Accidents, destin et Vie à Madagascar
Ils étaient partis joyeux… ils ne sont jamais arrivés à destination à cause d’un accident!
Il y a quelques jours, un accident de car faisait plusieurs morts à Ankazobe, à quelques kilomètres de la capitale, sur la RN4 à Madagascar. Le car surchargé et pas vraiment en état de faire le long voyage prévu (la destination se trouvait à 550 km) s’est trouvé en difficulté au niveau d’une montée, a fait plusieurs tonneaux avant de s’embraser fauchant plusieurs vies, ravageant des centaines de vie de familles, brisant l’avenir de jeunes et blessant l’âme de tout un pays. Un dernier bilan fait état d’une trentaine de morts et d’une centaine de blessés.

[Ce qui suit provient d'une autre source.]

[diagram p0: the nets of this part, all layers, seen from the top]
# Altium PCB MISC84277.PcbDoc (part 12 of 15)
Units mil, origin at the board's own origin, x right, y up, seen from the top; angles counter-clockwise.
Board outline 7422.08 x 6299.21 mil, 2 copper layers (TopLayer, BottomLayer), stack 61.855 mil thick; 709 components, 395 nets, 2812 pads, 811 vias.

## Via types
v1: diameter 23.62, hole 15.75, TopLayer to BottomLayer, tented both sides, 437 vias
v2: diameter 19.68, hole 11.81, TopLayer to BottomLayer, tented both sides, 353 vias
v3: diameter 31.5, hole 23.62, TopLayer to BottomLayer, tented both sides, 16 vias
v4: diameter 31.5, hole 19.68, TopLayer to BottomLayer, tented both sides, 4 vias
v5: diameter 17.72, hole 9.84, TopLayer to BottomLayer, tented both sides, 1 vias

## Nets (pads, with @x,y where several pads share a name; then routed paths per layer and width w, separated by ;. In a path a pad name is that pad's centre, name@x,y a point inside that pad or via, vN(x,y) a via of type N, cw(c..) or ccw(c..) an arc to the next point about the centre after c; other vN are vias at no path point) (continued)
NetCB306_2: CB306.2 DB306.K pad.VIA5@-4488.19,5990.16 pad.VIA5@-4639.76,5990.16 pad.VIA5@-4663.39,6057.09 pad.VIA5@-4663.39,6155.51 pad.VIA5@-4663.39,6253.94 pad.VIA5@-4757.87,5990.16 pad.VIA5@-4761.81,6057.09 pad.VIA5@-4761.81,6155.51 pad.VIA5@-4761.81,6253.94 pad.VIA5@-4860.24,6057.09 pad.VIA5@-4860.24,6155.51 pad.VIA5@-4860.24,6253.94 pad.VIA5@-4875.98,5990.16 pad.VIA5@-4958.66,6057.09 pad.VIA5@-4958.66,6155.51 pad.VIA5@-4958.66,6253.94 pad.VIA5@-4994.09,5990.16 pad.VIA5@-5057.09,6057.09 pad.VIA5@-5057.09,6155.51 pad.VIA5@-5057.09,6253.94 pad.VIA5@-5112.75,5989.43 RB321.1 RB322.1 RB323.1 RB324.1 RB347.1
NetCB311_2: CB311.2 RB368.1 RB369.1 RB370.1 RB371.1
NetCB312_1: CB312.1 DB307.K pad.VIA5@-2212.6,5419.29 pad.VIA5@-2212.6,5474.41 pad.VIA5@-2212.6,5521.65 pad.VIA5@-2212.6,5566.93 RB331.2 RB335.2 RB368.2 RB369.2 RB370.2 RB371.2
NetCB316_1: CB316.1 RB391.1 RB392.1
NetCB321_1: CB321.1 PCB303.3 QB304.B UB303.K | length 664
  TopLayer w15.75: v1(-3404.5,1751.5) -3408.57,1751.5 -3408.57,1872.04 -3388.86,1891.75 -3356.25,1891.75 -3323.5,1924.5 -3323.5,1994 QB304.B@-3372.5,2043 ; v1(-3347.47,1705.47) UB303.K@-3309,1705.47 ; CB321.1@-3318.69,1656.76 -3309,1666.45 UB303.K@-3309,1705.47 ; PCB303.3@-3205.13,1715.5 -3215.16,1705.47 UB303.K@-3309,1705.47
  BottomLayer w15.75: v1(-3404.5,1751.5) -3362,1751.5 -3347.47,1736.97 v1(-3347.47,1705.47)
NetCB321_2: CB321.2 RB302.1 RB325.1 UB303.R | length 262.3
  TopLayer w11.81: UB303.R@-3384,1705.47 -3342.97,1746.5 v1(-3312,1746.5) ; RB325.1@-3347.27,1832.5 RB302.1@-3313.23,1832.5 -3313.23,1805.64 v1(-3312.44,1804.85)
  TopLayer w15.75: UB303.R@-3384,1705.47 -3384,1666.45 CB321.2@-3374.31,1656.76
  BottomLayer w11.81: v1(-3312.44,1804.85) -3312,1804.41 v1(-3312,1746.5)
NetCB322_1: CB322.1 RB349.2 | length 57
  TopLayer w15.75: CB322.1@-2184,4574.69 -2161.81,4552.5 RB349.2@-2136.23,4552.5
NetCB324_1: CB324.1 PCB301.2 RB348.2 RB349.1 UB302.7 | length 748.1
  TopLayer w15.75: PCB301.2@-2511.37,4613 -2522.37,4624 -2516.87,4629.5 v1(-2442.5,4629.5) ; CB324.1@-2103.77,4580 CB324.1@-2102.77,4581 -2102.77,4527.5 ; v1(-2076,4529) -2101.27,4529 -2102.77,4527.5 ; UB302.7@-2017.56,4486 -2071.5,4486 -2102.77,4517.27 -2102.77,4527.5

Cet accident n’était malheureusement pas unique. Ce même jour, un taxi-brousse (un mode de transport en commun inter-urbain ou régional) transportant des voyageurs a fait un autre accident, sur une autre route nationale malgache, plus de peur que de mal. Et dans la capitale, toujours ce même jour, un taxi-be (un mode de transport en commun urbain) n’avait plus de frein et avait dû se servir de la voiture qui le précédait pour s’arrêter dans sa course. Il n’y a pas eu de vie perdue…
Plusieurs accidents, avec plus ou moins de gravité le même jour, à se demander si ce jour n’était pas frappé du sceau de la malédiction. A dire vrai, le constat ne peut s’arrêter juste à ce jour-là. En effet, il y a plusieurs mois, des accidents graves et tout aussi mortels se sont aussi produits. Un camion de transport de marchandises a été utilisé pour convoyer les invités à un mariage. Il s’est renversé, le bilan est terrible : une quarantaine de morts, dont les jeunes mariés… Une autre fois, une école avait organisé une sortie pour ses élèves, les chauffeurs des cars de transport ont fait la course sur le retour, il y a eu un problème, un ravin et là encore, plusieurs jeunes vies fauchées…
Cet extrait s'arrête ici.